Scientific classification
- Kingdom: Plantae
- Clade: Tracheophytes
- Clade: Angiosperms
- Clade: Monocots
- Order: Asparagales
- Family: Orchidaceae
- Subfamily: Orchidoideae
- Tribe: Diurideae
- Genus: Caladenia
- Species: C. lowanensis
- Binomial name: Caladenia lowanensis G.W.Carr
- Synonyms: Arachnorchis lowanensis (G.W.Carr) D.L.Jones & M.A.Clem.

= Caladenia lowanensis =

- Genus: Caladenia
- Species: lowanensis
- Authority: G.W.Carr
- Conservation status: EN
- Synonyms: Arachnorchis lowanensis (G.W.Carr) D.L.Jones & M.A.Clem.

Species of orchid

Caladenia lowanensis, commonly known as Wimmera spider orchid, is a plant in the orchid family Orchidaceae and is endemic to Victoria, Australia.
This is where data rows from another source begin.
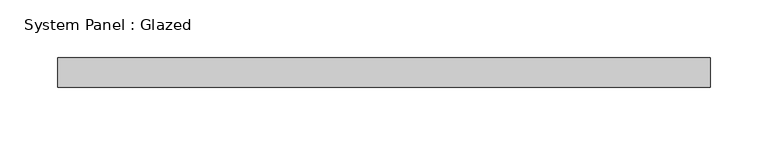
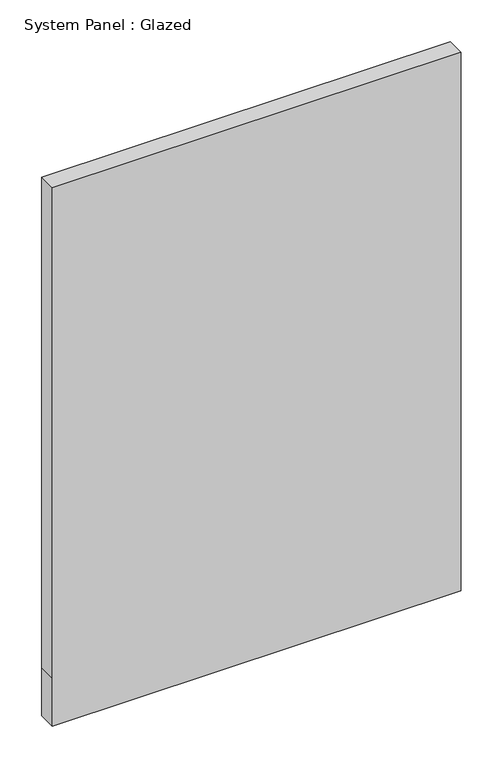
"""IFC4 building model written with IfcOpenShell, lengths in millimetres: plate geometry, System Panel : Glazed."""

from ifc_helpers import new_model, si_unit, frame, origin, place, context, project, spatial, polyline, outline, extrude, source, transform, mapped, element, save


def system_panel_glazed_71cd45ac(model_context):
    return source(origin(), model_context, "Body", "SweptSolid", [
        extrude(outline(polyline([(0.0, -282.575), (0.0, 282.575), (69.85, 282.575), (786.6309615, 282.575), (786.6309615, -282.575), (69.85, -282.575), (0.0, -282.575)])), frame((0.0, 19.05, 0.0), z_axis=(0.0, 1.0, 0.0), x_axis=(0.0, 0.0, 1.0)), (0.0, 0.0, 1.0), 25.4),
    ])


if __name__ == "__main__":
    model = new_model("IFC4")
    model_context = context("Model", 3, world=origin())
    ifc_project = project(units=[si_unit("LENGTHUNIT", "METRE", prefix="MILLI")], contexts=[model_context])
    site = spatial("IfcSite", under=ifc_project)
    building = spatial("IfcBuilding", under=site)
    placement = place(None, origin())
    system_panel_glazed_shape = system_panel_glazed_71cd45ac(model_context)
    element("IfcPlate", 1, ObjectType="System Panel : Glazed", at=placement, inside=building, context=model_context, shape_type="MappedRepresentation", body=[
        mapped(system_panel_glazed_shape, transform((0.0, 0.0, 0.0), x_axis=(1.0, 0.0, 0.0), y_axis=(0.0, 1.0, 0.0), z_axis=(0.0, 0.0, 1.0))),
    ])
    save(model, "model.ifc")

# Revit data of these elements
# Type "System Panel : Glazed"
#   Construction Type Id = "GSP4R"
#   Analytic Construction = "1/8 in Pilkington single glazing"
#   Visual Light Transmittance = 0.9
#   Solar Heat Gain Coefficient = 0.86
#   Heat Transfer Coefficient (U) = 1.18115 BTU/(h·ft²·°F)
#   Define Thermal Properties by = 1
# Element 1 (IfcPlate, "System Panel : Glazed")
#   Materials on its faces: "Glass"
# Materials
#   "Glass": class "Glass", colour RGB 0 128 192, transparency 0.75, Description = "Soda Lime Glass", Cost = 0
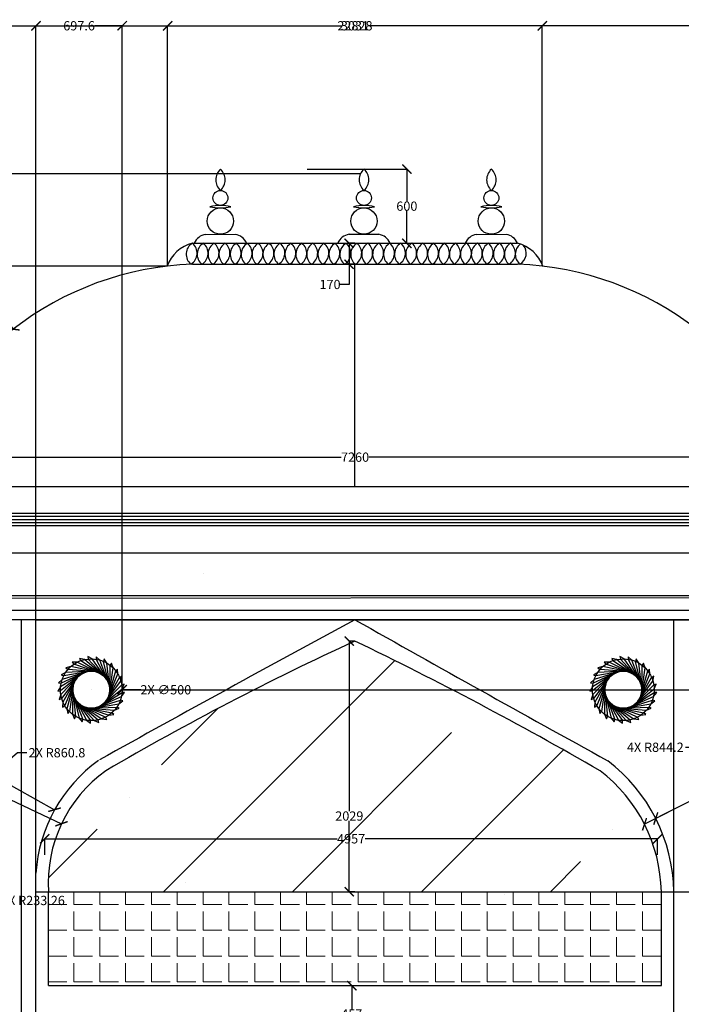
# Model space of a CAD drawing. Units: inches. Extents: x 829 to 33356404, y 1874 to 16983.
# Tile 7 of 9: x 10848 to 16199, y 9014 to 16983. Entities that reach past the tile are written whole.
import ezdxf

# ---------------------------------------------------------------- set-up
doc = ezdxf.new("R2010")
doc.units = ezdxf.units.IN
doc.header["$MEASUREMENT"] = 0
doc.header["$PDMODE"] = 3
for name, color, linetype, lineweight in [('A-ANNO-DIMS', 2, 'Continuous', 18), ('A-ELEV', 7, 'Continuous', 25), ('A-ELEV-PATT', 8, 'Continuous', 13)]:
    doc.layers.add(name, color=color, linetype=linetype, lineweight=lineweight)
doc.styles.get("Standard").update_dxf_attribs({"font": 'arial.ttf'})
doc.dimstyles.get("Standard").update_dxf_attribs({"dimtxt": 75, "dimasz": 75, "dimexe": 0.18, "dimexo": 0.0625, "dimgap": 0.09, "dimtad": 0, "dimtih": 1, "dimtoh": 1, "dimdec": 0, "dimzin": 0, "dimdsep": 46, "dimtxsty": 'Standard', "dimblk": 'ARCHTICK', "dimcen": 0.09, "dimadec": 0, "dimazin": 0, "dimtfac": 1, "dimtdec": 0, "dimtofl": 0, "dimtmove": 0, "dimatfit": 3, "dimfxl": 1, "dimtolj": 1, "dimtzin": 0, "dimarcsym": 0})

# ---------------------------------------------------------------- blocks, each defined once
blk = doc.blocks.new('_ArchTick')
at = {"color": 0, "linetype": 'ByBlock', "const_width": 0.15}
blk.add_lwpolyline([(-0.5, -0.5), (0.5, 0.5)], dxfattribs=at)
blk = doc.blocks.new('*D22')
at = {"layer": 'A-ANNO-DIMS', "color": 0, "lineweight": -2, "transparency": 16777216}
for p, q in [((13559.7, 11954.5), (13513.9, 11954.5)), ((13514.1, 11954.5), (13514.1, 10576.7)), ((13514.1, 9925.5), (13514.1, 10500)), ((13559.7, 9925.5), (13513.9, 9925.5))]:
    blk.add_line(p, q, dxfattribs=at)
at = {"layer": 'Defpoints', "color": 0, "transparency": 16777216}
for p in [(13514.1, 11954.5), (13559.8, 11954.5), (13559.8, 9925.5)]:
    blk.add_point(p, dxfattribs=at)
at = {"layer": 'A-ANNO-DIMS', "color": 0, "lineweight": -2, "transparency": 16777216, "xscale": 75, "yscale": 75, "zscale": 75}
for p, rotation in [((13514.1, 11954.5), 90), ((13514.1, 9925.5), 270)]:
    blk.add_blockref('_ArchTick', p, dxfattribs=dict(at, rotation=rotation))
at = {"layer": 'A-ANNO-DIMS', "color": 0, "transparency": 16777216, "insert": (13514.1, 10538.4), "char_height": 75, "attachment_point": 5}
blk.add_mtext('\\A1;2029', dxfattribs=at)
blk = doc.blocks.new('*D23')
at = {"layer": 'A-ANNO-DIMS', "color": 0, "lineweight": -2, "transparency": 16777216}
for p, q in [((11050.4, 10222.8), (11050.4, 10354.2)), ((11050.4, 10354), (13415.3, 10354)), ((16007.4, 10354), (13642.4, 10354)), ((16007.4, 10222.8), (16007.4, 10354.2))]:
    blk.add_line(p, q, dxfattribs=at)
at = {"layer": 'Defpoints', "color": 0, "transparency": 16777216}
for p in [(16007.4, 10354), (11050.4, 10222.7), (16007.4, 10222.7)]:
    blk.add_point(p, dxfattribs=at)
at = {"layer": 'A-ANNO-DIMS', "color": 0, "lineweight": -2, "transparency": 16777216, "xscale": 75, "yscale": 75, "zscale": 75, "rotation": 180}
blk.add_blockref('_ArchTick', (11050.4, 10354), dxfattribs=at)
at = {"layer": 'A-ANNO-DIMS', "color": 0, "lineweight": -2, "transparency": 16777216, "xscale": 75, "yscale": 75, "zscale": 75}
blk.add_blockref('_ArchTick', (16007.4, 10354), dxfattribs=at)
at = {"layer": 'A-ANNO-DIMS', "color": 0, "transparency": 16777216, "insert": (13528.9, 10354), "char_height": 75, "attachment_point": 5}
blk.add_mtext('\\A1;4957', dxfattribs=at)
blk = doc.blocks.new('*D24')
at = {"layer": 'A-ANNO-DIMS', "color": 0, "lineweight": -2, "transparency": 16777216}
for p, q in [((13534.6, 9165.5), (13534.3, 9165.5)), ((13534.5, 9165.5), (13534.5, 8975.2)), ((13534.5, 8708.5), (13534.5, 8898.7)), ((13534.6, 8708.5), (13534.3, 8708.5))]:
    blk.add_line(p, q, dxfattribs=at)
at = {"layer": 'Defpoints', "color": 0, "transparency": 16777216}
for p in [(13534.7, 9165.5), (13534.5, 8708.5), (13534.7, 8708.5)]:
    blk.add_point(p, dxfattribs=at)
at = {"layer": 'A-ANNO-DIMS', "color": 0, "lineweight": -2, "transparency": 16777216, "xscale": 75, "yscale": 75, "zscale": 75}
for p, rotation in [((13534.5, 9165.5), 90), ((13534.5, 8708.5), 270)]:
    blk.add_blockref('_ArchTick', p, dxfattribs=dict(at, rotation=rotation))
at = {"layer": 'A-ANNO-DIMS', "color": 0, "transparency": 16777216, "insert": (13534.5, 8937), "char_height": 75, "attachment_point": 5}
blk.add_mtext('\\A1;457', dxfattribs=at)
blk = doc.blocks.new('*D55')
at = {"layer": 'A-ANNO-DIMS', "color": 0, "lineweight": -2, "transparency": 16777216}
for p, q in [((9930.8, 13204.1), (9930.8, 13443)), ((9930.8, 13442.8), (13449.1, 13442.8)), ((17190.8, 13442.8), (13672.4, 13442.8)), ((17190.8, 13204.1), (17190.8, 13443))]:
    blk.add_line(p, q, dxfattribs=at)
at = {"layer": 'Defpoints', "color": 0, "transparency": 16777216}
for p in [(17190.8, 13442.8), (9930.8, 13204), (17190.8, 13204)]:
    blk.add_point(p, dxfattribs=at)
at = {"layer": 'A-ANNO-DIMS', "color": 0, "lineweight": -2, "transparency": 16777216, "xscale": 75, "yscale": 75, "zscale": 75, "rotation": 180}
blk.add_blockref('_ArchTick', (9930.8, 13442.8), dxfattribs=at)
at = {"layer": 'A-ANNO-DIMS', "color": 0, "lineweight": -2, "transparency": 16777216, "xscale": 75, "yscale": 75, "zscale": 75}
blk.add_blockref('_ArchTick', (17190.8, 13442.8), dxfattribs=at)
at = {"layer": 'A-ANNO-DIMS', "color": 0, "transparency": 16777216, "insert": (13560.8, 13442.8), "char_height": 75, "attachment_point": 5}
blk.add_mtext('\\A1;7260', dxfattribs=at)
blk = doc.blocks.new('*D56')
at = {"layer": 'A-ANNO-DIMS', "color": 0, "lineweight": -2, "transparency": 16777216}
for p, q in [((13559.7, 15174), (13512.5, 15174)), ((13512.7, 15174), (13512.7, 15004)), ((13559.7, 15004), (13512.5, 15004)), ((13512.7, 15004), (13512.7, 14840.3)), ((13512.7, 14840.3), (13437.7, 14840.3))]:
    blk.add_line(p, q, dxfattribs=at)
at = {"layer": 'Defpoints', "color": 0, "transparency": 16777216}
for p in [(13559.8, 15174), (13512.7, 15004), (13559.8, 15004)]:
    blk.add_point(p, dxfattribs=at)
at = {"layer": 'A-ANNO-DIMS', "color": 0, "lineweight": -2, "transparency": 16777216, "xscale": 75, "yscale": 75, "zscale": 75}
for p, rotation in [((13512.7, 15174), 90), ((13512.7, 15004), 270)]:
    blk.add_blockref('_ArchTick', p, dxfattribs=dict(at, rotation=rotation))
at = {"layer": 'A-ANNO-DIMS', "color": 0, "transparency": 16777216, "insert": (13358.4, 14840.3), "char_height": 75, "attachment_point": 5}
blk.add_mtext('\\A1;170', dxfattribs=at)
blk = doc.blocks.new('*D67')
at = {"layer": 'A-ANNO-DIMS', "color": 0, "lineweight": -2, "transparency": 16777216}
for p, q in [((13174.2, 15774), (13979.7, 15774)), ((13979.5, 15774), (13979.5, 15512.4)), ((13979.5, 15174), (13979.5, 15435.6)), ((13174.2, 15174), (13979.7, 15174))]:
    blk.add_line(p, q, dxfattribs=at)
at = {"layer": 'Defpoints', "color": 0, "transparency": 16777216}
for p in [(13174.2, 15774), (13979.5, 15774), (13174.2, 15174)]:
    blk.add_point(p, dxfattribs=at)
at = {"layer": 'A-ANNO-DIMS', "color": 0, "lineweight": -2, "transparency": 16777216, "xscale": 75, "yscale": 75, "zscale": 75}
for p, rotation in [((13979.5, 15774), 90), ((13979.5, 15174), 270)]:
    blk.add_blockref('_ArchTick', p, dxfattribs=dict(at, rotation=rotation))
at = {"layer": 'A-ANNO-DIMS', "color": 0, "transparency": 16777216, "insert": (13979.5, 15474), "char_height": 75, "attachment_point": 5}
blk.add_mtext('\\A1;600', dxfattribs=at)
blk = doc.blocks.new('*D82')
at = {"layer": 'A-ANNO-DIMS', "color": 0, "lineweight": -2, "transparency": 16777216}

It is a ground orchid with a single leaf and a single cream-coloured flower with red lines and blotches. The total population of this orchid was estimated in 2010 to be only about 700 plants but most are protected in reserves.

==Description==
Caladenia lowanensis is a terrestrial, perennial, deciduous, herb with a spherical underground tuber. It has a single leaf, 70-120 mm long and 8-12 mm wide. A single flower 30-40 mm wide is borne on a spike 120-250 mm tall. The flowers are cream-coloured with red streaks and blotches. The sepals have flattened, club-like, dark red glandular tips 5-8 mm long. The dorsal sepal is erect, 25-35 mm long and 2.3 mm wide. The lateral sepals are 25-35 mm long, 3-4 mm wide and spread widely, sometimes curved downwards. The petals are 20-25 mm long, about 2 mm wide and arranged like the lateral sepals. The labellum is egg-shaped, 10-14 mm long, 6-8 mm wide and pale yellowish with red streaks and a red tip which is curled under. The sides of the labellum have linear teeth up to 2 mm long and there are four or six well-spaced rows of shiny red calli along its mid-line but not extending to the tip. Flowering occurs in September and October.

==Taxonomy and naming==
Caladenia lowanensis was first formally described in 1991 by Geoffrey Carr from a specimen collected near Kiata and the description was published in Indigenous Flora and Fauna Association Miscellaneous Paper 1. The specific epithet (lowanensis) is derived from the Lowan district of Victoria with the Latin suffix -ensis meaning "of" or "from" referring to the distribution of this orchid species.

==Distribution and habitat==
The Wimmera spider orchid grows in sparse woodland near Kiata, in and near the Little Desert National Park.

==Conservation==
Caladenia lowanensis is listed as "endangered" under the Victorian Flora and Fauna Guarantee Act 1988 and under the Australian Government Environment Protection and Biodiversity Conservation Act 1999. In 2010 the known population of this species was 700 plants in five populations but about 90% of these were protected in reserves. The main threats to the species are rubbish dumping, trampling, weed invasion and grazing by rabbits (Oryctolagus cuniculus).